Nicholas's world seems to be one of rules and punishment rather than freedom and affection. On the contrary, the world of imagination as portrayed especially in Nicholas' interpretation of the tapestry, is a rich universe, full of excitement and freedom, even danger. It is a world of possibilities in which the hunter might even get a chance to either escape with his hounds or shoot the wolves with the two arrows in his quiver; the wolves could be just the four that gallop towards the hunter, but there could be more hidden; he could be an extremely dextrous archer, or else a lousy one who can only kill a stag at short distance. Notice that in this case, in the world of fantasy, oppositions are plenty and varied.
This of course leads us to the child's interpretation of the tapestry at the very end, being symbolic in relation to his own situation in the house. Nicholas finds 'a way out', maybe 'just possible', for the hunter, which resembles his own escape from the punishment in the risks it implies, the excitement, the adrenaline.
Some binary oppositions
1) Children / "older, wiser and better people".
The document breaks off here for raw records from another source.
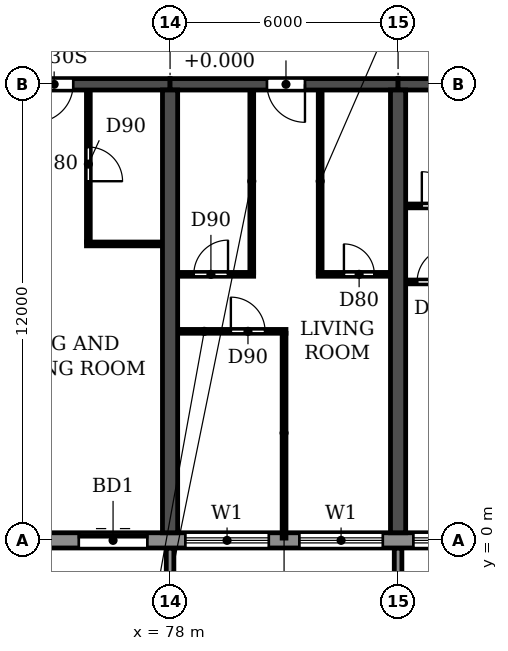
"""IFC4 building model, lengths in metres.
Left out: names, types, materials, properties, quantities, classifications, styles, units other than length and angle.
Written with IfcOpenShell. Run it as: python <this file> out.ifc"""

import sys

from ifc_helpers import new_model, si_unit, direction, frame, frame_2d, origin, place, context, subcontext, project, spatial, polyline, rectangle, outline, extrude, source, transform, mapped, element, fill, save


model = new_model("IFC4")
c1 = context("Model", 3, precision=1e-05, world=origin(), true_north=direction((0.0, 1.0)))
c2 = subcontext(c1, "Body", "Model", "MODEL_VIEW")
j1 = project(units=[si_unit("LENGTHUNIT", "METRE"), si_unit("PLANEANGLEUNIT", "RADIAN")], contexts=[c1])
p1 = place(None, origin())
s1 = spatial("IfcSite", under=j1, at=p1, CompositionType="ELEMENT")
p2 = place(p1, origin())
s2 = spatial("IfcBuilding", under=s1, at=p2, CompositionType="ELEMENT")
p3 = place(p2, frame((0.0, 0.0, 63.0)))
s3 = spatial("IfcBuildingStorey", under=s2, at=p3, CompositionType="ELEMENT", Elevation=63.0)
for number, where, z_axis, x_axis in (
    (1, (78.0, 0.2, 0.0), (0.0, 0.0, 1.0), (0.0, 1.0, 0.0)),
    (2, (84.0, 0.2, 0.0), (0.0, 0.0, 1.0), (0.0, 1.0, 0.0)),
):
    element("IfcWall", number, at=place(p3, frame(where, z_axis=z_axis, x_axis=x_axis)), inside=s3, PredefinedType="SHEAR", context=c2, shape_type="SweptSolid", body=[
        extrude(rectangle(XDim=11.65, YDim=0.4, at=frame_2d((5.825, 0.0))), origin(), (0.0, 0.0, 1.0), 2.95),
    ])
p4 = place(p3, frame((72.0, 12.0, 0.0), z_axis=(0.0, 0.0, 1.0), x_axis=(1.0, 0.0, 0.0)))
e3 = element("IfcWall", 3, at=p4, inside=s3, PredefinedType="SHEAR", context=c2, shape_type="SweptSolid", body=[
    extrude(rectangle(XDim=6.0, YDim=0.3, at=frame_2d((3.0, 0.0))), origin(), (0.0, 0.0, 1.0), 2.35),
])
p5 = place(p4, frame((2.45, 0.0, 0.0)))
e4 = element("IfcOpeningElement", 4, at=p5, cuts=e3, PredefinedType="OPENING", context=c2, shape_type="SweptSolid", body=[
    extrude(rectangle(XDim=1.0, YDim=2.1, at=frame_2d((0.5, 1.05))), frame((0.0, 0.16, 0.0), z_axis=(0.0, -1.0, 0.0), x_axis=(1.0, 0.0, 0.0)), (0.0, 0.0, 1.0), 0.32),
])
p6 = place(p3, frame((78.0, 12.0, 0.0), z_axis=(0.0, 0.0, 1.0), x_axis=(1.0, 0.0, 0.0)))
e5 = element("IfcWall", 5, at=p6, inside=s3, PredefinedType="SHEAR", context=c2, shape_type="SweptSolid", body=[
    extrude(rectangle(XDim=6.0, YDim=0.3, at=frame_2d((3.0, 0.0))), origin(), (0.0, 0.0, 1.0), 2.35),
])
p7 = place(p6, frame((2.55, 0.0, 0.0)))
e6 = element("IfcOpeningElement", 6, at=p7, cuts=e5, PredefinedType="OPENING", context=c2, shape_type="SweptSolid", body=[
    extrude(rectangle(XDim=1.0, YDim=2.1, at=frame_2d((0.5, 1.05))), frame((0.0, 0.16, 0.0), z_axis=(0.0, -1.0, 0.0), x_axis=(1.0, 0.0, 0.0)), (0.0, 0.0, 1.0), 0.32),
])
p8 = place(p3, frame((84.0, 12.0, 0.0), z_axis=(0.0, 0.0, 1.0), x_axis=(1.0, 0.0, 0.0)))
e7 = element("IfcWall", 7, at=p8, inside=s3, PredefinedType="SHEAR", context=c2, shape_type="SweptSolid", body=[
    extrude(rectangle(XDim=6.0, YDim=0.3, at=frame_2d((3.0, 0.0))), origin(), (0.0, 0.0, 1.0), 2.35),
])
p9 = place(p8, frame((2.55, 0.0, 0.0)))
e8 = element("IfcOpeningElement", 8, at=p9, cuts=e7, PredefinedType="OPENING", context=c2, shape_type="SweptSolid", body=[
    extrude(rectangle(XDim=1.0, YDim=2.1, at=frame_2d((0.5, 1.05))), frame((0.0, 0.16, 0.0), z_axis=(0.0, -1.0, 0.0), x_axis=(1.0, 0.0, 0.0)), (0.0, 0.0, 1.0), 0.32),
])
p10 = place(p3, frame((10.683, 0.0, 0.0), z_axis=(0.0, 0.0, 1.0), x_axis=(1.0, 0.0, 0.0)))
e9 = element("IfcWall", 9, at=p10, inside=s3, PredefinedType="STANDARD", context=c2, shape_type="SweptSolid", body=[
    extrude(rectangle(XDim=80.634, YDim=0.4, at=frame_2d((40.317, 0.0))), origin(), (0.0, 0.0, 1.0), 2.95),
])
p11 = place(p10, frame((1.717, 0.0, 0.9)))
e10 = element("IfcOpeningElement", 10, at=p11, cuts=e9, PredefinedType="OPENING", context=c2, shape_type="SweptSolid", body=[
    extrude(rectangle(XDim=2.2, YDim=1.5, at=frame_2d((1.1, 0.75))), frame((0.0, 0.21, 0.0), z_axis=(0.0, -1.0, 0.0), x_axis=(1.0, 0.0, 0.0)), (0.0, 0.0, 1.0), 0.42),
])
p12 = place(p10, frame((4.917, 0.0, 0.0)))
e11 = element("IfcOpeningElement", 11, at=p12, cuts=e9, PredefinedType="OPENING", context=c2, shape_type="SweptSolid", body=[
    extrude(rectangle(XDim=1.8, YDim=2.4, at=frame_2d((0.9, 1.2))), frame((0.0, 0.21, 0.0), z_axis=(0.0, -1.0, 0.0), x_axis=(1.0, 0.0, 0.0)), (0.0, 0.0, 1.0), 0.42),
])
p13 = place(p10, frame((7.717, 0.0, 0.9)))
e12 = element("IfcOpeningElement", 12, at=p13, cuts=e9, PredefinedType="OPENING", context=c2, shape_type="SweptSolid", body=[
    extrude(rectangle(XDim=2.2, YDim=1.5, at=frame_2d((1.1, 0.75))), frame((0.0, 0.21, 0.0), z_axis=(0.0, -1.0, 0.0), x_axis=(1.0, 0.0, 0.0)), (0.0, 0.0, 1.0), 0.42),
])
p14 = place(p10, frame((10.717, 0.0, 0.9)))
e13 = element("IfcOpeningElement", 13, at=p14, cuts=e9, PredefinedType="OPENING", context=c2, shape_type="SweptSolid", body=[
    extrude(rectangle(XDim=2.2, YDim=1.5, at=frame_2d((1.1, 0.75))), frame((0.0, 0.21, 0.0), z_axis=(0.0, -1.0, 0.0), x_axis=(1.0, 0.0, 0.0)), (0.0, 0.0, 1.0), 0.42),
])
p15 = place(p10, frame((13.717, 0.0, 0.9)))
e14 = element("IfcOpeningElement", 14, at=p15, cuts=e9, PredefinedType="OPENING", context=c2, shape_type="SweptSolid", body=[
    extrude(rectangle(XDim=2.2, YDim=1.5, at=frame_2d((1.1, 0.75))), frame((0.0, 0.21, 0.0), z_axis=(0.0, -1.0, 0.0), x_axis=(1.0, 0.0, 0.0)), (0.0, 0.0, 1.0), 0.42),
])
p16 = place(p10, frame((16.917, 0.0, 0.0)))
e15 = element("IfcOpeningElement", 15, at=p16, cuts=e9, PredefinedType="OPENING", context=c2, shape_type="SweptSolid", body=[
    extrude(rectangle(XDim=1.8, YDim=2.4, at=frame_2d((0.9, 1.2))), frame((0.0, 0.21, 0.0), z_axis=(0.0, -1.0, 0.0), x_axis=(1.0, 0.0, 0.0)), (0.0, 0.0, 1.0), 0.42),
])
p17 = place(p10, frame((19.717, 0.0, 0.9)))
e16 = element("IfcOpeningElement", 16, at=p17, cuts=e9, PredefinedType="OPENING", context=c2, shape_type="SweptSolid", body=[
    extrude(rectangle(XDim=2.2, YDim=1.5, at=frame_2d((1.1, 0.75))), frame((0.0, 0.21, 0.0), z_axis=(0.0, -1.0, 0.0), x_axis=(1.0, 0.0, 0.0)), (0.0, 0.0, 1.0), 0.42),
])
p18 = place(p10, frame((22.717, 0.0, 0.9)))
e17 = element("IfcOpeningElement", 17, at=p18, cuts=e9, PredefinedType="OPENING", context=c2, shape_type="SweptSolid", body=[
    extrude(rectangle(XDim=2.2, YDim=1.5, at=frame_2d((1.1, 0.75))), frame((0.0, 0.21, 0.0), z_axis=(0.0, -1.0, 0.0), x_axis=(1.0, 0.0, 0.0)), (0.0, 0.0, 1.0), 0.42),
])
p19 = place(p10, frame((25.917, 0.0, 0.0)))
e18 = element("IfcOpeningElement", 18, at=p19, cuts=e9, PredefinedType="OPENING", context=c2, shape_type="SweptSolid", body=[
    extrude(rectangle(XDim=1.8, YDim=2.4, at=frame_2d((0.9, 1.2))), frame((0.0, 0.21, 0.0), z_axis=(0.0, -1.0, 0.0), x_axis=(1.0, 0.0, 0.0)), (0.0, 0.0, 1.0), 0.42),
])
p20 = place(p10, frame((28.717, 0.0, 0.9)))
e19 = element("IfcOpeningElement", 19, at=p20, cuts=e9, PredefinedType="OPENING", context=c2, shape_type="SweptSolid", body=[
    extrude(rectangle(XDim=2.2, YDim=1.5, at=frame_2d((1.1, 0.75))), frame((0.0, 0.21, 0.0), z_axis=(0.0, -1.0, 0.0), x_axis=(1.0, 0.0, 0.0)), (0.0, 0.0, 1.0), 0.42),
])
p21 = place(p10, frame((31.717, 0.0, 0.9)))
e20 = element("IfcOpeningElement", 20, at=p21, cuts=e9, PredefinedType="OPENING", context=c2, shape_type="SweptSolid", body=[
    extrude(rectangle(XDim=2.2, YDim=1.5, at=frame_2d((1.1, 0.75))), frame((0.0, 0.21, 0.0), z_axis=(0.0, -1.0, 0.0), x_axis=(1.0, 0.0, 0.0)), (0.0, 0.0, 1.0), 0.42),
])
p22 = place(p10, frame((34.717, 0.0, 0.9)))
e21 = element("IfcOpeningElement", 21, at=p22, cuts=e9, PredefinedType="OPENING", context=c2, shape_type="SweptSolid", body=[
    extrude(rectangle(XDim=2.2, YDim=1.5, at=frame_2d((1.1, 0.75))), frame((0.0, 0.21, 0.0), z_axis=(0.0, -1.0, 0.0), x_axis=(1.0, 0.0, 0.0)), (0.0, 0.0, 1.0), 0.42),
])
p23 = place(p10, frame((37.717, 0.0, 0.9)))
e22 = element("IfcOpeningElement", 22, at=p23, cuts=e9, PredefinedType="OPENING", context=c2, shape_type="SweptSolid", body=[
    extrude(rectangle(XDim=2.2, YDim=1.5, at=frame_2d((1.1, 0.75))), frame((0.0, 0.21, 0.0), z_axis=(0.0, -1.0, 0.0), x_axis=(1.0, 0.0, 0.0)), (0.0, 0.0, 1.0), 0.42),
])
p24 = place(p10, frame((40.917, 0.0, 0.0)))
e23 = element("IfcOpeningElement", 23, at=p24, cuts=e9, PredefinedType="OPENING", context=c2, shape_type="SweptSolid", body=[
    extrude(rectangle(XDim=1.8, YDim=2.4, at=frame_2d((0.9, 1.2))), frame((0.0, 0.21, 0.0), z_axis=(0.0, -1.0, 0.0), x_axis=(1.0, 0.0, 0.0)), (0.0, 0.0, 1.0), 0.42),
])
p25 = place(p10, frame((43.717, 0.0, 0.9)))
e24 = element("IfcOpeningElement", 24, at=p25, cuts=e9, PredefinedType="OPENING", context=c2, shape_type="SweptSolid", body=[
    extrude(rectangle(XDim=2.2, YDim=1.5, at=frame_2d((1.1, 0.75))), frame((0.0, 0.21, 0.0), z_axis=(0.0, -1.0, 0.0), x_axis=(1.0, 0.0, 0.0)), (0.0, 0.0, 1.0), 0.42),
])
p26 = place(p10, frame((46.717, 0.0, 0.9)))
e25 = element("IfcOpeningElement", 25, at=p26, cuts=e9, PredefinedType="OPENING", context=c2, shape_type="SweptSolid", body=[
    extrude(rectangle(XDim=2.2, YDim=1.5, at=frame_2d((1.1, 0.75))), frame((0.0, 0.21, 0.0), z_axis=(0.0, -1.0, 0.0), x_axis=(1.0, 0.0, 0.0)), (0.0, 0.0, 1.0), 0.42),
])
p27 = place(p10, frame((49.717, 0.0, 0.9)))
e26 = element("IfcOpeningElement", 26, at=p27, cuts=e9, PredefinedType="OPENING", context=c2, shape_type="SweptSolid", body=[
    extrude(rectangle(XDim=2.2, YDim=1.5, at=frame_2d((1.1, 0.75))), frame((0.0, 0.21, 0.0), z_axis=(0.0, -1.0, 0.0), x_axis=(1.0, 0.0, 0.0)), (0.0, 0.0, 1.0), 0.42),
])
p28 = place(p10, frame((52.717, 0.0, 0.9)))
e27 = element("IfcOpeningElement", 27, at=p28, cuts=e9, PredefinedType="OPENING", context=c2, shape_type="SweptSolid", body=[
    extrude(rectangle(XDim=2.2, YDim=1.5, at=frame_2d((1.1, 0.75))), frame((0.0, 0.21, 0.0), z_axis=(0.0, -1.0, 0.0), x_axis=(1.0, 0.0, 0.0)), (0.0, 0.0, 1.0), 0.42),
])
p29 = place(p10, frame((55.717, 0.0, 0.9)))
e28 = element("IfcOpeningElement", 28, at=p29, cuts=e9, PredefinedType="OPENING", context=c2, shape_type="SweptSolid", body=[
    extrude(rectangle(XDim=2.2, YDim=1.5, at=frame_2d((1.1, 0.75))), frame((0.0, 0.21, 0.0), z_axis=(0.0, -1.0, 0.0), x_axis=(1.0, 0.0, 0.0)), (0.0, 0.0, 1.0), 0.42),
])
p30 = place(p10, frame((58.717, 0.0, 0.9)))
e29 = element("IfcOpeningElement", 29, at=p30, cuts=e9, PredefinedType="OPENING", context=c2, shape_type="SweptSolid", body=[
    extrude(rectangle(XDim=2.2, YDim=1.5, at=frame_2d((1.1, 0.75))), frame((0.0, 0.21, 0.0), z_axis=(0.0, -1.0, 0.0), x_axis=(1.0, 0.0, 0.0)), (0.0, 0.0, 1.0), 0.42),
])
p31 = place(p10, frame((61.717, 0.0, 0.9)))
e30 = element("IfcOpeningElement", 30, at=p31, cuts=e9, PredefinedType="OPENING", context=c2, shape_type="SweptSolid", body=[
    extrude(rectangle(XDim=2.2, YDim=1.5, at=frame_2d((1.1, 0.75))), frame((0.0, 0.21, 0.0), z_axis=(0.0, -1.0, 0.0), x_axis=(1.0, 0.0, 0.0)), (0.0, 0.0, 1.0), 0.42),
])
p32 = place(p10, frame((64.917, 0.0, 0.0)))
e31 = element("IfcOpeningElement", 31, at=p32, cuts=e9, PredefinedType="OPENING", context=c2, shape_type="SweptSolid", body=[
    extrude(rectangle(XDim=1.8, YDim=2.4, at=frame_2d((0.9, 1.2))), frame((0.0, 0.21, 0.0), z_axis=(0.0, -1.0, 0.0), x_axis=(1.0, 0.0, 0.0)), (0.0, 0.0, 1.0), 0.42),
])
p33 = place(p10, frame((67.717, 0.0, 0.9)))
e32 = element("IfcOpeningElement", 32, at=p33, cuts=e9, PredefinedType="OPENING", context=c2, shape_type="SweptSolid", body=[
    extrude(rectangle(XDim=2.2, YDim=1.5, at=frame_2d((1.1, 0.75))), frame((0.0, 0.21, 0.0), z_axis=(0.0, -1.0, 0.0), x_axis=(1.0, 0.0, 0.0)), (0.0, 0.0, 1.0), 0.42),
])
p34 = place(p10, frame((70.717, 0.0, 0.9)))
e33 = element("IfcOpeningElement", 33, at=p34, cuts=e9, PredefinedType="OPENING", context=c2, shape_type="SweptSolid", body=[
    extrude(rectangle(XDim=2.2, YDim=1.5, at=frame_2d((1.1, 0.75))), frame((0.0, 0.21, 0.0), z_axis=(0.0, -1.0, 0.0), x_axis=(1.0, 0.0, 0.0)), (0.0, 0.0, 1.0), 0.42),
])
p35 = place(p10, frame((73.717, 0.0, 0.9)))
e34 = element("IfcOpeningElement", 34, at=p35, cuts=e9, PredefinedType="OPENING", context=c2, shape_type="SweptSolid", body=[
    extrude(rectangle(XDim=2.2, YDim=1.5, at=frame_2d((1.1, 0.75))), frame((0.0, 0.21, 0.0), z_axis=(0.0, -1.0, 0.0), x_axis=(1.0, 0.0, 0.0)), (0.0, 0.0, 1.0), 0.42),
])
p36 = place(p10, frame((76.917, 0.0, 0.0)))
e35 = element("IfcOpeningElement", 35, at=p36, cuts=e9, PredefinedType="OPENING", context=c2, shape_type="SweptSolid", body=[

2) Expedition supposed to be punitive for Nicholas / Expedition turns out to be punitive for the rest of the children. The tide is high, there were no sands, the tightness in Bobby's boots.
3) True Parents / "soi-dissant aunt"; "aunt by assertion".
4) "decent tears" which were looked for on the part of Nicholas when the moment of the departure arrived / All crying was done by his girl-cousin who scraped her knee.
5) Nicholas wriggling his way with obvious stealth of purpose / He had no real intention of trying to get into the gooseberry garden.
6) Lumber Room "unknown land stale of delight, a mere material pleasure" / a) gooseberry garden;/
b) the rest of the house "bare and cheerless".
7) Teapot fashioned like a china duck / Dull and shapeless nursery pot.
8) Coloured pictures of exotic birds / Few and non-interesting birds Nicholas came across when he went for a walk.
9) Being alone in the lumber room / group of children going to Jagborough's sands.
10) Freedom gained by imagination / Grown-ups repression.
11) Nicholas' imagination, fantasy, creativeness / Aunt's little imagination, rigidity, strictness.
I think that binary oppositions are so countless in the story because Saki is deliberately trying to show and describe opposite worlds, which will always remain as such.
Besides, the author is criticising society and a way to do it is by emphasising the difference between these two worlds (children/grown-ups).
And we, as readers, cannot remain passive. After reading the story, we must make up our minds to whether we like or dislike the two main characters/worlds.